Cela part dans tous les sens, mais les qualités rapologiques de Nicki Minaj y sont toujours éclatantes, dès cette démonstration qu'est "Itty Bitty Piggy". Elle y rappe sur tous les modes, aussi à l'aise à toute allure que sur un tempo lent. Elle y montre aussi son goût pour les punchlines insolentes.
Les thèmes appartiennent à la trinité gangsta habituelle : drogue, argent et sexe. A cela s'ajoutent les clichés machistes, qu'elle revendique et tourne à son avantage, plutôt qu'elle ne nuance, avec son allure hypersexuée ou quand elle proclame son goût irrépressible pour le shopping ("Shopaholic"). Minaj s'affirme alors comme l'une de ces figures féminines revêches et indépendantes qui sont à leur aise dans le rap, comme la rappeuse bad bitch ultime du nouveau siècle.

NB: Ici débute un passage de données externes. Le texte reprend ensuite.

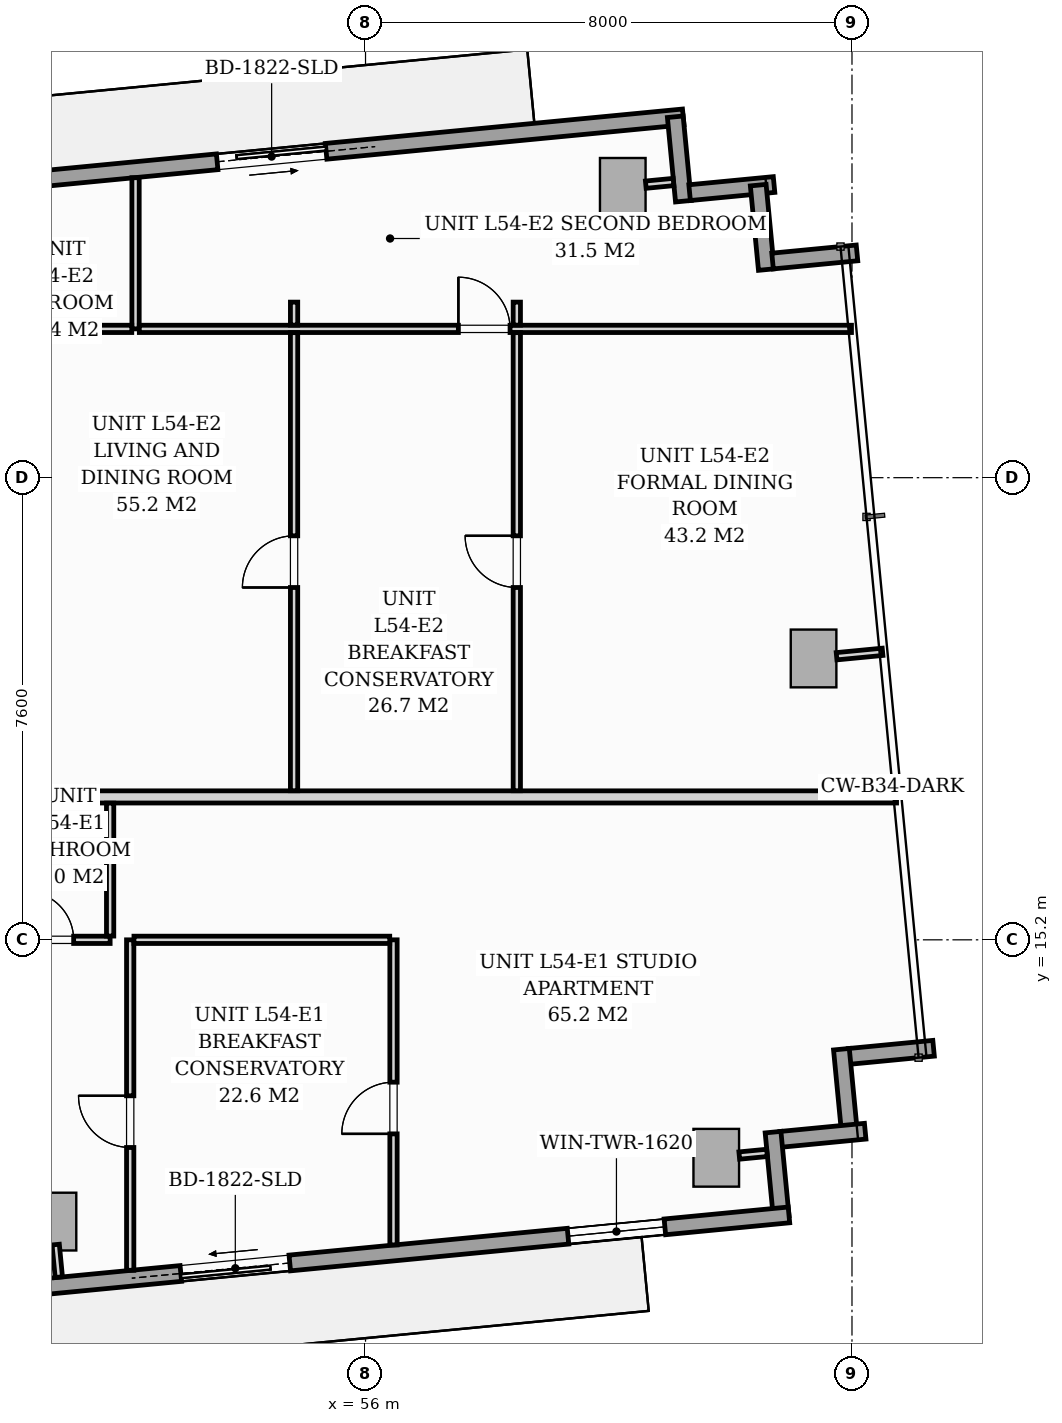
"""IFC4 building model, lengths in metres.
Left out: names, types, materials, properties, quantities, classifications, styles, units other than length and angle.
Written with IfcOpenShell. Run it as: python <this file> out.ifc"""

import sys

from ifc_helpers import new_model, si_unit, direction, frame, frame_2d, origin, origin_2d, place, context, subcontext, project, spatial, rectangle, extrude, source, transform, mapped, element, fill, save


model = new_model("IFC4")
c1 = context("Model", 3, precision=1e-05, world=origin(), true_north=direction((0.0, 1.0)))
c2 = subcontext(c1, "Body", "Model", "MODEL_VIEW")
j1 = project(units=[si_unit("LENGTHUNIT", "METRE"), si_unit("PLANEANGLEUNIT", "RADIAN")], contexts=[c1])
p1 = place(None, origin())
s1 = spatial("IfcSite", under=j1, at=p1, CompositionType="ELEMENT")
p2 = place(p1, origin())
s2 = spatial("IfcBuilding", under=s1, at=p2, CompositionType="ELEMENT")
p3 = place(p2, frame((0.0, 0.0, 189.0)))
s3 = spatial("IfcBuildingStorey", under=s2, at=p3, CompositionType="ELEMENT", Elevation=189.0)
m1 = source(origin(), c2, "Body", "SweptSolid", [
    extrude(rectangle(XDim=0.75, YDim=0.95, at=origin_2d()), origin(), (0.0, 0.0, 1.0), 3.196),
])
for number, where, z_axis, x_axis in (
    (1, (50.868, 10.566, 0.002), (0.0, 0.0, 1.0), (0.995, 0.096, 0.0)),
    (2, (61.768, 11.616, 0.002), (0.0, 0.0, 1.0), (0.995, 0.096, 0.0)),
    (3, (60.23, 27.582, 0.002), (0.0, 0.0, 1.0), (0.995, 0.096, 0.0)),
    (4, (63.368, 19.827, 0.002), (0.0, 0.0, 1.0), (0.995, 0.096, 0.0)),
):
    element("IfcColumn", number, at=place(p3, frame(where, z_axis=z_axis, x_axis=x_axis)), inside=s3, PredefinedType="COLUMN", context=c2, shape_type="MappedRepresentation", body=[
        mapped(m1, transform((0.0, 0.0, 0.0), scale=1.0)),
    ])
p4 = place(p3, frame((45.199, 27.19, 0.0), z_axis=(0.0, 0.0, 1.0), x_axis=(0.995397074604, 0.095836652014, 0.0)))
e5 = element("IfcWall", 5, at=p4, inside=s3, PredefinedType="STANDARD", context=c2, shape_type="SweptSolid", body=[
    extrude(rectangle(XDim=16.1, YDim=0.26, at=frame_2d((8.05, 0.0))), origin(), (0.0, 0.0, 1.0), 2.94),
])
p5 = place(p4, frame((8.4, 0.0, 0.0)))
e6 = element("IfcOpeningElement", 6, at=p5, cuts=e5, PredefinedType="OPENING", context=c2, shape_type="SweptSolid", body=[
    extrude(rectangle(XDim=1.8, YDim=2.06, at=frame_2d((0.9, 1.03))), frame((0.0, 0.14, 0.0), z_axis=(0.0, -1.0, 0.0), x_axis=(1.0, 0.0, 0.0)), (0.0, 0.0, 1.0), 0.28),
])
p6 = place(p4, frame((0.7, 0.0, 0.65)))
e7 = element("IfcOpeningElement", 7, at=p6, cuts=e5, PredefinedType="OPENING", context=c2, shape_type="SweptSolid", body=[
    extrude(rectangle(XDim=1.6, YDim=1.5, at=frame_2d((0.8, 0.75))), frame((0.0, 0.14, 0.0), z_axis=(0.0, -1.0, 0.0), x_axis=(1.0, 0.0, 0.0)), (0.0, 0.0, 1.0), 0.28),
])
p7 = place(p3, frame((61.094, 28.735, 0.0), z_axis=(0.0, 0.0, 1.0), x_axis=(0.095742423056, -0.99540614245, 0.0)))
e8 = element("IfcWall", 8, at=p7, inside=s3, PredefinedType="STANDARD", context=c2, shape_type="SweptSolid", body=[
    extrude(rectangle(XDim=1.395, YDim=0.26, at=frame_2d((0.697, 0.0))), origin(), (0.0, 0.0, 1.0), 2.94),
])
p8 = place(p3, frame((61.33, 27.487, 0.0), z_axis=(0.0, 0.0, 1.0), x_axis=(0.995391056452, 0.09589913835, 0.0)))
e9 = element("IfcWall", 9, at=p8, inside=s3, PredefinedType="STANDARD", context=c2, shape_type="SweptSolid", body=[
    extrude(rectangle(XDim=1.395, YDim=0.26, at=frame_2d((0.698, 0.0))), origin(), (0.0, 0.0, 1.0), 2.94),
])
for number, where, z_axis, x_axis in (
    (10, (62.458, 27.611, 0.0), (0.0, 0.0, 1.0), (0.096, -0.995, 0.0)),
    (11, (62.694, 26.363, 0.0), (0.0, 0.0, 1.0), (0.995, 0.096, 0.0)),
):
    element("IfcWall", number, at=place(p3, frame(where, z_axis=z_axis, x_axis=x_axis)), inside=s3, PredefinedType="STANDARD", context=c2, shape_type="SweptSolid", body=[
        extrude(rectangle(XDim=1.395, YDim=0.26, at=frame_2d((0.697, 0.0))), origin(), (0.0, 0.0, 1.0), 2.94),
    ])
p9 = place(p3, frame((65.342, 13.417, 0.0), z_axis=(0.0, 0.0, 1.0), x_axis=(-0.99540774648, -0.095725744959, 0.0)))
e12 = element("IfcWall", 12, at=p9, inside=s3, PredefinedType="STANDARD", context=c2, shape_type="SweptSolid", body=[
    extrude(rectangle(XDim=1.395, YDim=0.26, at=frame_2d((0.698, 0.0))), origin(), (0.0, 0.0, 1.0), 2.94),
])
p10 = place(p3, frame((63.826, 13.401, 0.0), z_axis=(0.0, 0.0, 1.0), x_axis=(0.095915846097, -0.995389446633, 0.0)))
e13 = element("IfcWall", 13, at=p10, inside=s3, PredefinedType="STANDARD", context=c2, shape_type="SweptSolid", body=[
    extrude(rectangle(XDim=1.395, YDim=0.26, at=frame_2d((0.697, 0.0))), origin(), (0.0, 0.0, 1.0), 2.94),
])
for number, where, z_axis, x_axis in (
    (14, (64.217, 12.053, 0.0), (0.0, 0.0, 1.0), (-0.995, -0.096, 0.0)),
    (15, (62.702, 12.037, 0.0), (0.0, 0.0, 1.0), (0.096, -0.995, 0.0)),
):
    element("IfcWall", number, at=place(p3, frame(where, z_axis=z_axis, x_axis=x_axis)), inside=s3, PredefinedType="STANDARD", context=c2, shape_type="SweptSolid", body=[
        extrude(rectangle(XDim=1.395, YDim=0.26, at=frame_2d((0.698, 0.0))), origin(), (0.0, 0.0, 1.0), 2.94),
    ])
p11 = place(p3, frame((62.963, 10.676, 0.0), z_axis=(0.0, 0.0, 1.0), x_axis=(-0.995395627913, -0.095851676732, 0.0)))
e16 = element("IfcWall", 16, at=p11, inside=s3, PredefinedType="STANDARD", context=c2, shape_type="SweptSolid", body=[
    extrude(rectangle(XDim=16.1, YDim=0.26, at=frame_2d((8.05, 0.0))), origin(), (0.0, 0.0, 1.0), 2.94),
])
p12 = place(p11, frame((8.247, 0.0, 0.0)))
e17 = element("IfcOpeningElement", 17, at=p12, cuts=e16, PredefinedType="OPENING", context=c2, shape_type="SweptSolid", body=[
    extrude(rectangle(XDim=1.8, YDim=2.06, at=frame_2d((0.9, 1.03))), frame((0.0, 0.14, 0.0), z_axis=(0.0, -1.0, 0.0), x_axis=(1.0, 0.0, 0.0)), (0.0, 0.0, 1.0), 0.28),
])
p13 = place(p11, frame((2.05, 0.0, 0.65)))
e18 = element("IfcOpeningElement", 18, at=p13, cuts=e16, PredefinedType="OPENING", context=c2, shape_type="SweptSolid", body=[
    extrude(rectangle(XDim=1.6, YDim=1.5, at=frame_2d((0.8, 0.75))), frame((0.0, 0.14, 0.0), z_axis=(0.0, -1.0, 0.0), x_axis=(1.0, 0.0, 0.0)), (0.0, 0.0, 1.0), 0.28),
])
p14 = place(p3, frame((47.532, 17.55, 0.0), z_axis=(0.0, 0.0, 1.0), x_axis=(1.0, 0.0, 0.0)))
e19 = element("IfcWall", 19, at=p14, inside=s3, PredefinedType="PARTITIONING", context=c2, shape_type="SweptSolid", body=[
    extrude(rectangle(XDim=17.201, YDim=0.2, at=frame_2d((8.601, 0.0))), origin(), (0.0, 0.0, 1.0), 2.281),
])
p15 = place(p3, frame((47.6, 15.2, 0.0), z_axis=(0.0, 0.0, 1.0), x_axis=(1.0, 0.0, 0.0)))
e20 = element("IfcWall", 20, at=p15, inside=s3, PredefinedType="PARTITIONING", context=c2, shape_type="SweptSolid", body=[
    extrude(rectangle(XDim=4.2, YDim=0.12, at=frame_2d((2.1, 0.0))), origin(), (0.0, 0.0, 1.0), 2.94),
])
p16 = place(p15, frame((0.675, 0.0, 0.0)))
e21 = element("IfcOpeningElement", 21, at=p16, cuts=e20, PredefinedType="OPENING", context=c2, shape_type="SweptSolid", body=[
    extrude(rectangle(XDim=0.85, YDim=2.05, at=frame_2d((0.425, 1.025))), frame((0.0, 0.07, 0.0), z_axis=(0.0, -1.0, 0.0), x_axis=(1.0, 0.0, 0.0)), (0.0, 0.0, 1.0), 0.14),
])
p17 = place(p15, frame((2.8, 0.0, 0.0)))
e22 = element("IfcOpeningElement", 22, at=p17, cuts=e20, PredefinedType="OPENING", context=c2, shape_type="SweptSolid", body=[
    extrude(rectangle(XDim=0.8, YDim=2.02, at=frame_2d((0.4, 1.01))), frame((0.0, 0.07, 0.0), z_axis=(0.0, -1.0, 0.0), x_axis=(1.0, 0.0, 0.0)), (0.0, 0.0, 1.0), 0.14),
])
p18 = place(p3, frame((51.8, 15.262, 0.0), z_axis=(0.0, 0.0, 1.0), x_axis=(0.0, 1.0, 0.0)))
e23 = element("IfcWall", 23, at=p18, inside=s3, PredefinedType="PARTITIONING", context=c2, shape_type="SweptSolid", body=[
    extrude(rectangle(XDim=2.186, YDim=0.12, at=frame_2d((1.093, 0.0))), origin(), (0.0, 0.0, 1.0), 2.94),
])
p19 = place(p3, frame((52.13, 9.766, 0.0), z_axis=(0.0, 0.0, 1.0), x_axis=(0.0, 1.0, 0.0)))
e24 = element("IfcWall", 24, at=p19, inside=s3, PredefinedType="PARTITIONING", context=c2, shape_type="SweptSolid", body=[
    extrude(rectangle(XDim=5.434, YDim=0.12, at=frame_2d((2.717, 0.0))), origin(), (0.0, 0.0, 1.0), 2.94),
])
p20 = place(p19, frame((2.019, 0.0, 0.0)))
e25 = element("IfcOpeningElement", 25, at=p20, cuts=e24, PredefinedType="OPENING", context=c2, shape_type="SweptSolid", body=[
    extrude(rectangle(XDim=0.85, YDim=2.05, at=frame_2d((0.425, 1.025))), frame((0.0, 0.07, 0.0), z_axis=(0.0, -1.0, 0.0), x_axis=(1.0, 0.0, 0.0)), (0.0, 0.0, 1.0), 0.14),
])
p21 = place(p3, frame((56.46, 10.183, 0.0), z_axis=(0.0, 0.0, 1.0), x_axis=(0.0, 1.0, 0.0)))
e26 = element("IfcWall", 26, at=p21, inside=s3, PredefinedType="PARTITIONING", context=c2, shape_type="SweptSolid", body=[
    extrude(rectangle(XDim=5.017, YDim=0.12, at=frame_2d((2.509, 0.0))), origin(), (0.0, 0.0, 1.0), 2.94),
])
p22 = place(p21, frame((1.826, 0.0, 0.0)))
e27 = element("IfcOpeningElement", 27, at=p22, cuts=e26, PredefinedType="OPENING", context=c2, shape_type="SweptSolid", body=[
    extrude(rectangle(XDim=0.85, YDim=2.05, at=frame_2d((0.425, 1.025))), frame((0.0, 0.07, 0.0), z_axis=(0.0, -1.0, 0.0), x_axis=(1.0, 0.0, 0.0)), (0.0, 0.0, 1.0), 0.14),
])
p23 = place(p3, frame((52.192, 15.2, 0.0), z_axis=(0.0, 0.0, 1.0), x_axis=(1.0, 0.0, 0.0)))
e28 = element("IfcWall", 28, at=p23, inside=s3, PredefinedType="PARTITIONING", context=c2, shape_type="SweptSolid", body=[
    extrude(rectangle(XDim=4.206, YDim=0.12, at=frame_2d((2.103, 0.0))), origin(), (0.0, 0.0, 1.0), 2.94),
])
p24 = place(p3, frame((52.218, 25.247, 0.0), z_axis=(0.0, 0.0, 1.0), x_axis=(0.0, 1.0, 0.0)))
e29 = element("IfcWall", 29, at=p24, inside=s3, PredefinedType="PARTITIONING", context=c2, shape_type="SweptSolid", body=[
    extrude(rectangle(XDim=2.486, YDim=0.12, at=frame_2d((1.243, 0.0))), origin(), (0.0, 0.0, 1.0), 2.94),
])
p25 = place(p3, frame((40.412, 25.247, 0.0), z_axis=(0.0, 0.0, 1.0), x_axis=(1.0, 0.0, 0.0)))
e30 = element("IfcWall", 30, at=p25, inside=s3, PredefinedType="PARTITIONING", context=c2, shape_type="SweptSolid", body=[
    extrude(rectangle(XDim=11.744, YDim=0.12, at=frame_2d((5.872, 0.0))), origin(), (0.0, 0.0, 1.0), 2.94),
])
p26 = place(p25, frame((6.1, 0.0, 0.0)))
e31 = element("IfcOpeningElement", 31, at=p26, cuts=e30, PredefinedType="OPENING", context=c2, shape_type="SweptSolid", body=[
    extrude(rectangle(XDim=0.85, YDim=2.05, at=frame_2d((0.425, 1.025))), frame((0.0, 0.07, 0.0), z_axis=(0.0, -1.0, 0.0), x_axis=(1.0, 0.0, 0.0)), (0.0, 0.0, 1.0), 0.14),
])
p27 = place(p3, frame((52.28, 25.247, 0.0), z_axis=(0.0, 0.0, 1.0), x_axis=(1.0, 0.0, 0.0)))
e32 = element("IfcWall", 32, at=p27, inside=s3, PredefinedType="PARTITIONING", context=c2, shape_type="SweptSolid", body=[
    extrude(rectangle(XDim=11.712, YDim=0.12, at=frame_2d((5.856, 0.0))), origin(), (0.0, 0.0, 1.0), 2.94),
])
p28 = place(p27, frame((5.247, 0.0, 0.0)))
e33 = element("IfcOpeningElement", 33, at=p28, cuts=e32, PredefinedType="OPENING", context=c2, shape_type="SweptSolid", body=[
    extrude(rectangle(XDim=0.85, YDim=2.05, at=frame_2d((0.425, 1.025))), frame((0.0, 0.07, 0.0), z_axis=(0.0, -1.0, 0.0), x_axis=(1.0, 0.0, 0.0)), (0.0, 0.0, 1.0), 0.14),
])
p29 = place(p3, frame((58.488, 17.652, 0.0), z_axis=(0.0, 0.0, 1.0), x_axis=(0.0, 1.0, 0.0)))
e34 = element("IfcWall", 34, at=p29, inside=s3, PredefinedType="PARTITIONING", context=c2, shape_type="SweptSolid", body=[
    extrude(rectangle(XDim=7.533, YDim=0.12, at=frame_2d((3.767, 0.0))), origin(), (0.0, 0.0, 1.0), 2.94),
])
p30 = place(p29, frame((3.342, 0.0, 0.0)))
e35 = element("IfcOpeningElement", 35, at=p30, cuts=e34, PredefinedType="OPENING", context=c2, shape_type="SweptSolid", body=[
    extrude(rectangle(XDim=0.85, YDim=2.05, at=frame_2d((0.425, 1.025))), frame((0.0, 0.07, 0.0), z_axis=(0.0, -1.0, 0.0), x_axis=(1.0, 0.0, 0.0)), (0.0, 0.0, 1.0), 0.14),
])
p31 = place(p3, frame((58.488, 25.309, 0.0), z_axis=(0.0, 0.0, 1.0), x_axis=(0.0, 1.0, 0.0)))
e36 = element("IfcWall", 36, at=p31, inside=s3, PredefinedType="PARTITIONING", context=c2, shape_type="SweptSolid", body=[
    extrude(rectangle(XDim=0.378, YDim=0.12, at=frame_2d((0.189, 0.0))), origin(), (0.0, 0.0, 1.0), 2.94),
])
p32 = place(p3, frame((54.825, 17.652, 0.0), z_axis=(0.0, 0.0, 1.0), x_axis=(0.0, 1.0, 0.0)))
e37 = element("IfcWall", 37, at=p32, inside=s3, PredefinedType="PARTITIONING", context=c2, shape_type="SweptSolid", body=[
    extrude(rectangle(XDim=7.533, YDim=0.12, at=frame_2d((3.767, 0.0))), origin(), (0.0, 0.0, 1.0), 2.94),
])
p33 = place(p32, frame((3.342, 0.0, 0.0)))
e38 = element("IfcOpeningElement", 38, at=p33, cuts=e37, PredefinedType="OPENING", context=c2, shape_type="SweptSolid", body=[
    extrude(rectangle(XDim=0.85, YDim=2.05, at=frame_2d((0.425, 1.025))), frame((0.0, 0.07, 0.0), z_axis=(0.0, -1.0, 0.0), x_axis=(1.0, 0.0, 0.0)), (0.0, 0.0, 1.0), 0.14),
])
p34 = place(p3, frame((54.825, 25.309, 0.0), z_axis=(0.0, 0.0, 1.0), x_axis=(0.0, 1.0, 0.0)))
e39 = element("IfcWall", 39, at=p34, inside=s3, PredefinedType="PARTITIONING", context=c2, shape_type="SweptSolid", body=[
    extrude(rectangle(XDim=0.378, YDim=0.12, at=frame_2d((0.189, 0.0))), origin(), (0.0, 0.0, 1.0), 2.94),
])
p35 = place(p3, frame((50.905, 10.188, 0.0), z_axis=(0.0, 0.0, 1.0), x_axis=(0.095772948675, -0.995403205893, 0.0)))
e40 = element("IfcWall", 40, at=p35, inside=s3, PredefinedType="PARTITIONING", context=c2, shape_type="SweptSolid", body=[
    extrude(rectangle(XDim=0.538, YDim=0.12, at=frame_2d((0.269, 0.0))), origin(), (0.0, 0.0, 1.0), 2.94),
])
for number, where, z_axis, x_axis in (
    (41, (62.146, 11.652, 0.0), (0.0, 0.0, 1.0), (0.995, 0.096, 0.0)),
    (42, (60.609, 27.618, 0.0), (0.0, 0.0, 1.0), (0.995, 0.096, 0.0)),
):
    element("IfcWall", number, at=place(p3, frame(where, z_axis=z_axis, x_axis=x_axis)), inside=s3, PredefinedType="PARTITIONING", context=c2, shape_type="SweptSolid", body=[
        extrude(rectangle(XDim=0.458, YDim=0.12, at=frame_2d((0.229, 0.0))), origin(), (0.0, 0.0, 1.0), 2.94),
    ])
p36 = place(p3, frame((63.747, 19.864, 0.0), z_axis=(0.0, 0.0, 1.0), x_axis=(0.995405496295, 0.095749140702, 0.0)))
e43 = element("IfcWall", 43, at=p36, inside=s3, PredefinedType="PARTITIONING", context=c2, shape_type="SweptSolid", body=[
    extrude(rectangle(XDim=0.76, YDim=0.12, at=frame_2d((0.38, 0.0))), origin(), (0.0, 0.0, 1.0), 2.94),
])
m2 = source(origin(), c2, "Body", "SweptSolid", [
    extrude(rectangle(XDim=1.8, YDim=2.06, at=frame_2d((0.9, 1.03))), frame((0.0, 0.025, 0.0), z_axis=(0.0, -1.0, 0.0), x_axis=(1.0, 0.0, 0.0)), (0.0, 0.0, 1.0), 0.05),
])
p37 = place(p5, origin())
e44 = element("IfcDoor", 44, at=p37, inside=s3, OperationType="SLIDING_TO_RIGHT", PredefinedType="DOOR", context=c2, shape_type="MappedRepresentation", body=[
    mapped(m2, transform((0.0, 0.0, 0.0), scale=1.0)),
])
fill(e6, e44)
p38 = place(p12, origin())
e45 = element("IfcDoor", 45, at=p38, inside=s3, OperationType="SLIDING_TO_RIGHT", PredefinedType="DOOR", context=c2, shape_type="MappedRepresentation", body=[
    mapped(m2, transform((0.0, 0.0, 0.0), scale=1.0)),
])
fill(e17, e45)
m3 = source(origin(), c2, "Body", "SweptSolid", [
    extrude(rectangle(XDim=1.6, YDim=1.5, at=frame_2d((0.8, 0.75))), frame((0.0, 0.03, 0.0), z_axis=(0.0, -1.0, 0.0), x_axis=(1.0, 0.0, 0.0)), (0.0, 0.0, 1.0), 0.06),
])
p39 = place(p13, origin())
e46 = element("IfcWindow", 46, at=p39, inside=s3, PartitioningType="SINGLE_PANEL", PredefinedType="WINDOW", context=c2, shape_type="MappedRepresentation", body=[
    mapped(m3, transform((0.0, 0.0, 0.0), scale=1.0)),
])
fill(e18, e46)
m4 = source(origin(), c2, "Body", "SweptSolid", [
    extrude(rectangle(XDim=0.85, YDim=2.05, at=frame_2d((0.425, 1.025))), frame((0.0, 0.025, 0.0), z_axis=(0.0, -1.0, 0.0), x_axis=(1.0, 0.0, 0.0)), (0.0, 0.0, 1.0), 0.05),
])
p40 = place(p20, origin())
e47 = element("IfcDoor", 47, at=p40, inside=s3, OperationType="SINGLE_SWING_RIGHT", PredefinedType="DOOR", context=c2, shape_type="MappedRepresentation", body=[
    mapped(m4, transform((0.0, 0.0, 0.0), scale=1.0)),
])
fill(e25, e47)
p41 = place(p22, origin())
e48 = element("IfcDoor", 48, at=p41, inside=s3, OperationType="SINGLE_SWING_LEFT", PredefinedType="DOOR", context=c2, shape_type="MappedRepresentation", body=[
    mapped(m4, transform((0.0, 0.0, 0.0), scale=1.0)),
])
fill(e27, e48)
m5 = source(origin(), c2, "Body", "SweptSolid", [
    extrude(rectangle(XDim=0.8, YDim=2.02, at=frame_2d((0.4, 1.01))), frame((0.0, 0.025, 0.0), z_axis=(0.0, -1.0, 0.0), x_axis=(1.0, 0.0, 0.0)), (0.0, 0.0, 1.0), 0.05),
])
p42 = place(p17, origin())
e49 = element("IfcDoor", 49, at=p42, inside=s3, OperationType="SINGLE_SWING_LEFT", PredefinedType="DOOR", context=c2, shape_type="MappedRepresentation", body=[
    mapped(m5, transform((0.0, 0.0, 0.0), scale=1.0)),
])
fill(e22, e49)
p43 = place(p28, origin())
e50 = element("IfcDoor", 50, at=p43, inside=s3, OperationType="SINGLE_SWING_LEFT", PredefinedType="DOOR", context=c2, shape_type="MappedRepresentation", body=[
    mapped(m4, transform((0.0, 0.0, 0.0), scale=1.0)),
])
fill(e33, e50)
p44 = place(p30, origin())
e51 = element("IfcDoor", 51, at=p44, inside=s3, OperationType="SINGLE_SWING_RIGHT", PredefinedType="DOOR", context=c2, shape_type="MappedRepresentation", body=[
    mapped(m4, transform((0.0, 0.0, 0.0), scale=1.0)),
])
fill(e35, e51)
p45 = place(p33, origin())
e52 = element("IfcDoor", 52, at=p45, inside=s3, OperationType="SINGLE_SWING_LEFT", PredefinedType="DOOR", context=c2, shape_type="MappedRepresentation", body=[
    mapped(m4, transform((0.0, 0.0, 0.0), scale=1.0)),
])
fill(e38, e52)
save(model, sys.argv[1])

In the end, it's not gonna be about my talent, you know. It's not gonna be about my connections, it's not gonna be about my looks. It's gonna be about who wants it the most, and... I want it the most.
Au bout du compte, ce ne sera pas une question de talents, tu sais. Ce ne sera pas une question de connexions, ce ne sera pas une question de looks. Ce sera à qui en veut le plus, et… c'est moi qui en veux le plus.
Oui, comme elle le dit en introduction, c'est bien Nicki Minaj qui en veut le plus, c'est elle qui a faim. Après cette mixtape, elle poursuivra son ascension. Ce faisant, elle respectera la règle, cette malédiction du rap, selon laquelle toute femme qui réussit dans cette musique doit s'adonner, en plus, en parallèle, en substitut, qu'importe, à la pop et au R&B. Ses albums compteront de bonnes choses, et ses collaborations seront remarquées. Mais aucun ne sera une version album de ce Beam Me Up Scotty, sa meilleure sortie, sa plus satisfaisante, si celle qu'on aime en elle est la rappeuse.
PS : cette chronique a traité de la version originale de la mixtape, pas de la réédition rémaniée sortie en 2021.